In the two replicate, placebo-controlled, 52-week, phase III INPULSIS trials, nintedanib 150 mg twice daily significantly reduced the annual rate of decline in FVC, the primary endpoint, in subjects ...with idiopathic pulmonary fibrosis (IPF). It is unknown if this effect was uniform across all subjects treated with nintedanib.
To investigate the potential association of demographic and clinical variables with the effect of nintedanib in subjects with IPF.
Subgroup analyses of pooled data from the INPULSIS trials were prespecified. Subgroups were analyzed by sex, age (<65, ≥65 yr), race (white, Asian), baseline FVC percentage predicted (≤70%, >70%), baseline St. George's Respiratory Questionnaire (SGRQ) total score (≤40, >40), smoking status (never, ex/current), systemic corticosteroid use (yes/no), and bronchodilator use (yes/no).

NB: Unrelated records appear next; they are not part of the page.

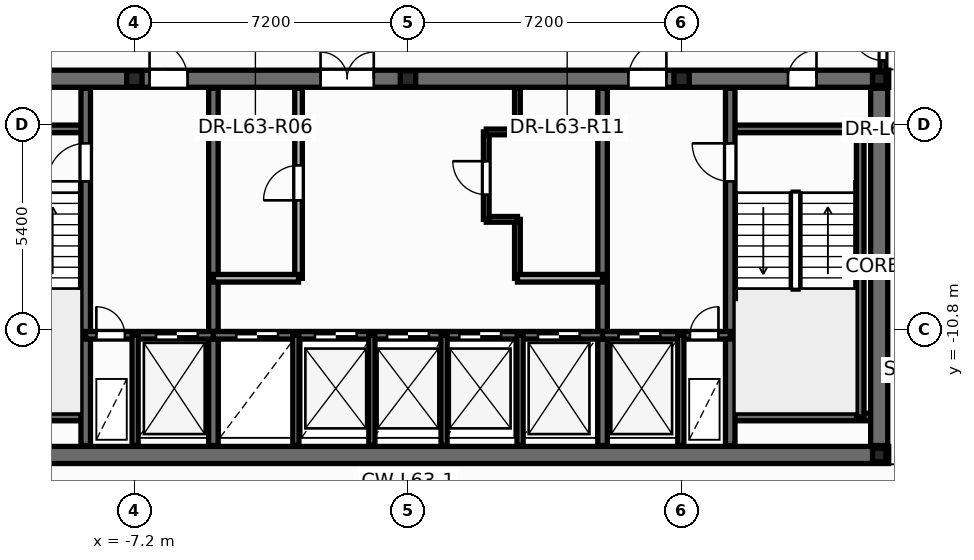
"""IFC4 building model, lengths in metres.
Left out: names, types, materials, properties, quantities, classifications, styles, units other than length and angle.
Written with IfcOpenShell. Run it as: python <this file> out.ifc"""

import sys

from ifc_helpers import new_model, si_unit, direction, frame, frame_2d, origin, origin_2d, place, context, subcontext, project, spatial, rectangle, i_section, extrude, element, fill, save


model = new_model("IFC4")
c1 = context("Model", 3, precision=1e-05, world=origin(), true_north=direction((0.0, 1.0)))
c2 = subcontext(c1, "Body", "Model", "MODEL_VIEW")
j1 = project(units=[si_unit("LENGTHUNIT", "METRE"), si_unit("PLANEANGLEUNIT", "RADIAN")], contexts=[c1])
p1 = place(None, origin())
s1 = spatial("IfcSite", under=j1, at=p1, CompositionType="ELEMENT")
p2 = place(p1, origin())
s2 = spatial("IfcBuilding", under=s1, at=p2, CompositionType="ELEMENT")
p3 = place(p2, frame((0.0, 0.0, 240.6)))
s3 = spatial("IfcBuildingStorey", under=s2, at=p3, CompositionType="ELEMENT", Elevation=240.6)
for number, where, z_axis, x_axis in (
    (1, (12.4, -14.1, 0.0), (0.0, 0.0, 1.0), (1.0, 0.0, 0.0)),
    (2, (12.4, -4.2, 0.0), (0.0, 0.0, 1.0), (1.0, 0.0, 0.0)),
):
    element("IfcColumn", number, at=place(p3, frame(where, z_axis=z_axis, x_axis=x_axis)), inside=s3, PredefinedType="COLUMN", context=c2, shape_type="SweptSolid", body=[
        extrude(i_section(OverallWidth=0.352, OverallDepth=0.359, WebThickness=0.018, FlangeThickness=0.026, at=origin_2d()), origin(), (0.0, 0.0, 1.0), 3.6),
    ])
for number, where, z_axis, x_axis in (
    (3, (-7.2, -4.2, 0.0), (0.0, 0.0, 1.0), (1.0, 0.0, 0.0)),
    (4, (0.0, -4.2, 0.0), (0.0, 0.0, 1.0), (1.0, 0.0, 0.0)),
    (5, (7.2, -4.2, 0.0), (0.0, 0.0, 1.0), (1.0, 0.0, 0.0)),
):
    element("IfcColumn", number, at=place(p3, frame(where, z_axis=z_axis, x_axis=x_axis)), inside=s3, PredefinedType="PILASTER", context=c2, shape_type="SweptSolid", body=[
        extrude(i_section(OverallWidth=0.405, OverallDepth=0.414, WebThickness=0.022, FlangeThickness=0.032, at=origin_2d()), origin(), (0.0, 0.0, 1.0), 3.6),
    ])
p4 = place(p3, frame((2.88, -9.45, 0.0), z_axis=(0.0, 0.0, 1.0), x_axis=(0.0, 1.0, 0.0)))
e6 = element("IfcWall", 6, at=p4, inside=s3, PredefinedType="PARTITIONING", context=c2, shape_type="SweptSolid", body=[
    extrude(rectangle(XDim=1.55, YDim=0.15, at=frame_2d((0.775, 0.0))), origin(), (0.0, 0.0, 1.0), 3.28),
])
p5 = place(p3, frame((2.06, -7.9, 0.0), z_axis=(0.0, 0.0, 1.0), x_axis=(1.0, 0.0, 0.0)))
e7 = element("IfcWall", 7, at=p5, inside=s3, PredefinedType="PARTITIONING", context=c2, shape_type="SweptSolid", body=[
    extrude(rectangle(XDim=0.82, YDim=0.15, at=frame_2d((0.41, 0.0))), origin(), (0.0, 0.0, 1.0), 3.28),
])
p6 = place(p3, frame((2.06, -7.9, 0.0), z_axis=(0.0, 0.0, 1.0), x_axis=(0.0, 1.0, 0.0)))
e8 = element("IfcWall", 8, at=p6, inside=s3, PredefinedType="PARTITIONING", context=c2, shape_type="SweptSolid", body=[
    extrude(rectangle(XDim=2.3, YDim=0.15, at=frame_2d((1.15, 0.0))), origin(), (0.0, 0.0, 1.0), 3.28),
])
p7 = place(p6, frame((0.65, 0.0, 0.0)))
e9 = element("IfcOpeningElement", 9, at=p7, cuts=e8, PredefinedType="OPENING", context=c2, shape_type="SweptSolid", body=[
    extrude(rectangle(XDim=0.886, YDim=2.104, at=frame_2d((0.44, 1.052))), frame((0.0, 0.085, 0.0), z_axis=(0.0, -1.0, 0.0), x_axis=(1.0, 0.0, 0.0)), (0.0, 0.0, 1.0), 0.17),
])
p8 = place(p3, frame((2.06, -5.6, 0.0), z_axis=(0.0, 0.0, 1.0), x_axis=(1.0, 0.0, 0.0)))
e10 = element("IfcWall", 10, at=p8, inside=s3, PredefinedType="PARTITIONING", context=c2, shape_type="SweptSolid", body=[
    extrude(rectangle(XDim=0.82, YDim=0.15, at=frame_2d((0.41, 0.0))), origin(), (0.0, 0.0, 1.0), 3.28),
])
p9 = place(p3, frame((2.88, -5.6, 0.0), z_axis=(0.0, 0.0, 1.0), x_axis=(0.0, 1.0, 0.0)))
e11 = element("IfcWall", 11, at=p9, inside=s3, PredefinedType="PARTITIONING", context=c2, shape_type="SweptSolid", body=[
    extrude(rectangle(XDim=1.15, YDim=0.15, at=frame_2d((0.575, 0.0))), origin(), (0.0, 0.0, 1.0), 3.28),
])
p10 = place(p3, frame((-12.65, -14.1, 0.0), z_axis=(0.0, 0.0, 1.0), x_axis=(1.0, 0.0, 0.0)))
e12 = element("IfcWall", 12, at=p10, inside=s3, PredefinedType="SHEAR", context=c2, shape_type="SweptSolid", body=[
    extrude(rectangle(XDim=25.3, YDim=0.45, at=frame_2d((12.65, 0.0))), origin(), (0.0, 0.0, 1.0), 3.6),
])
p11 = place(p3, frame((-12.65, -4.2, 0.0), z_axis=(0.0, 0.0, 1.0), x_axis=(1.0, 0.0, 0.0)))
e13 = element("IfcWall", 13, at=p11, inside=s3, PredefinedType="SHEAR", context=c2, shape_type="SweptSolid", body=[
    extrude(rectangle(XDim=25.3, YDim=0.45, at=frame_2d((12.65, 0.0))), origin(), (0.0, 0.0, 1.0), 3.6),
])
p12 = place(p11, frame((1.85, 0.0, 0.0)))
e14 = element("IfcOpeningElement", 14, at=p12, cuts=e13, PredefinedType="OPENING", context=c2, shape_type="SweptSolid", body=[
    extrude(rectangle(XDim=0.756, YDim=2.054, at=frame_2d((0.375, 1.027))), frame((0.0, 0.235, 0.0), z_axis=(0.0, -1.0, 0.0), x_axis=(1.0, 0.0, 0.0)), (0.0, 0.0, 1.0), 0.47),
])
p13 = place(p11, frame((22.65, 0.0, 0.0)))
e15 = element("IfcOpeningElement", 15, at=p13, cuts=e13, PredefinedType="OPENING", context=c2, shape_type="SweptSolid", body=[
    extrude(rectangle(XDim=0.756, YDim=2.054, at=frame_2d((0.375, 1.027))), frame((0.0, 0.235, 0.0), z_axis=(0.0, -1.0, 0.0), x_axis=(1.0, 0.0, 0.0)), (0.0, 0.0, 1.0), 0.47),
])
p14 = place(p11, frame((5.85, 0.0, 0.0)))
e16 = element("IfcOpeningElement", 16, at=p14, cuts=e13, PredefinedType="OPENING", context=c2, shape_type="SweptSolid", body=[
    extrude(rectangle(XDim=1.006, YDim=2.104, at=frame_2d((0.5, 1.052))), frame((0.0, 0.235, 0.0), z_axis=(0.0, -1.0, 0.0), x_axis=(1.0, 0.0, 0.0)), (0.0, 0.0, 1.0), 0.47),
])
p15 = place(p11, frame((10.35, 0.0, 0.0)))
e17 = element("IfcOpeningElement", 17, at=p15, cuts=e13, PredefinedType="OPENING", context=c2, shape_type="SweptSolid", body=[
    extrude(rectangle(XDim=1.406, YDim=2.154, at=frame_2d((0.7, 1.077))), frame((0.0, 0.235, 0.0), z_axis=(0.0, -1.0, 0.0), x_axis=(1.0, 0.0, 0.0)), (0.0, 0.0, 1.0), 0.47),
])
p16 = place(p11, frame((18.45, 0.0, 0.0)))
e18 = element("IfcOpeningElement", 18, at=p16, cuts=e13, PredefinedType="OPENING", context=c2, shape_type="SweptSolid", body=[
    extrude(rectangle(XDim=1.006, YDim=2.104, at=frame_2d((0.5, 1.052))), frame((0.0, 0.235, 0.0), z_axis=(0.0, -1.0, 0.0), x_axis=(1.0, 0.0, 0.0)), (0.0, 0.0, 1.0), 0.47),
])
for number, where, z_axis, x_axis in (
    (19, (-12.35, -5.52, 0.0), (0.0, 0.0, 1.0), (1.0, 0.0, 0.0)),
    (20, (-12.35, -13.1, 0.0), (0.0, 0.0, 1.0), (1.0, 0.0, 0.0)),
    (21, (8.48, -5.52, 0.0), (0.0, 0.0, 1.0), (1.0, 0.0, 0.0)),
    (22, (8.48, -13.1, 0.0), (0.0, 0.0, 1.0), (1.0, 0.0, 0.0)),
):
    element("IfcWall", number, at=place(p3, frame(where, z_axis=z_axis, x_axis=x_axis)), inside=s3, PredefinedType="SOLIDWALL", context=c2, shape_type="SweptSolid", body=[
        extrude(rectangle(XDim=3.87, YDim=0.2, at=frame_2d((1.935, 0.0))), origin(), (0.0, 0.0, 1.0), 3.6),
    ])
p17 = place(p3, frame((11.9, -13.1, 0.0), z_axis=(0.0, 0.0, 1.0), x_axis=(0.0, 1.0, 0.0)))
e23 = element("IfcWall", 23, at=p17, inside=s3, PredefinedType="SOLIDWALL", context=c2, shape_type="SweptSolid", body=[
    extrude(rectangle(XDim=7.58, YDim=0.2, at=frame_2d((3.79, 0.0))), origin(), (0.0, 0.0, 1.0), 3.6),
])
p18 = place(p3, frame((-8.48, -13.85, 0.0), z_axis=(0.0, 0.0, 1.0), x_axis=(0.0, 1.0, 0.0)))
e24 = element("IfcWall", 24, at=p18, inside=s3, PredefinedType="SHEAR", context=c2, shape_type="SweptSolid", body=[
    extrude(rectangle(XDim=9.4, YDim=0.25, at=frame_2d((4.7, 0.0))), origin(), (0.0, 0.0, 1.0), 3.6),
])
p19 = place(p18, frame((6.95, 0.0, 0.0)))
e25 = element("IfcOpeningElement", 25, at=p19, cuts=e24, PredefinedType="OPENING", context=c2, shape_type="SweptSolid", body=[
    extrude(rectangle(XDim=1.006, YDim=2.104, at=frame_2d((0.5, 1.052))), frame((0.0, 0.135, 0.0), z_axis=(0.0, -1.0, 0.0), x_axis=(1.0, 0.0, 0.0)), (0.0, 0.0, 1.0), 0.27),
])
p20 = place(p3, frame((8.48, -13.85, 0.0), z_axis=(0.0, 0.0, 1.0), x_axis=(0.0, 1.0, 0.0)))
e26 = element("IfcWall", 26, at=p20, inside=s3, PredefinedType="SHEAR", context=c2, shape_type="SweptSolid", body=[
    extrude(rectangle(XDim=9.4, YDim=0.25, at=frame_2d((4.7, 0.0))), origin(), (0.0, 0.0, 1.0), 3.6),
])
p21 = place(p20, frame((6.95, 0.0, 0.0)))
e27 = element("IfcOpeningElement", 27, at=p21, cuts=e26, PredefinedType="OPENING", context=c2, shape_type="SweptSolid", body=[
    extrude(rectangle(XDim=1.006, YDim=2.104, at=frame_2d((0.5, 1.052))), frame((0.0, 0.135, 0.0), z_axis=(0.0, -1.0, 0.0), x_axis=(1.0, 0.0, 0.0)), (0.0, 0.0, 1.0), 0.27),
])
for number, where, z_axis, x_axis in (
    (28, (-5.12, -13.85, 0.0), (0.0, 0.0, 1.0), (0.0, 1.0, 0.0)),
    (29, (5.12, -13.85, 0.0), (0.0, 0.0, 1.0), (0.0, 1.0, 0.0)),
):
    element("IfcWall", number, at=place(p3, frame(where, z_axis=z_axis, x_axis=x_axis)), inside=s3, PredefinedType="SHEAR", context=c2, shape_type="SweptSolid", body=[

A total of 1,061 subjects were treated (nintedanib n = 638, placebo n = 423). There was no statistically significant difference in the effect of nintedanib for the primary endpoint or the key secondary endpoints of change from baseline in SGRQ total score or time to first acute exacerbation in any subgroup. Treatment effects for the key secondary endpoints seemed more pronounced in subjects with baseline FVC ≤70% predicted, because the majority of acute exacerbations and a greater deterioration in SGRQ total score occurred in placebo-treated subjects in this subgroup.
Pooled data from the INPULSIS trials support a consistent effect of nintedanib across a range of IPF phenotypes by slowing disease progression across a number of prespecified subgroups.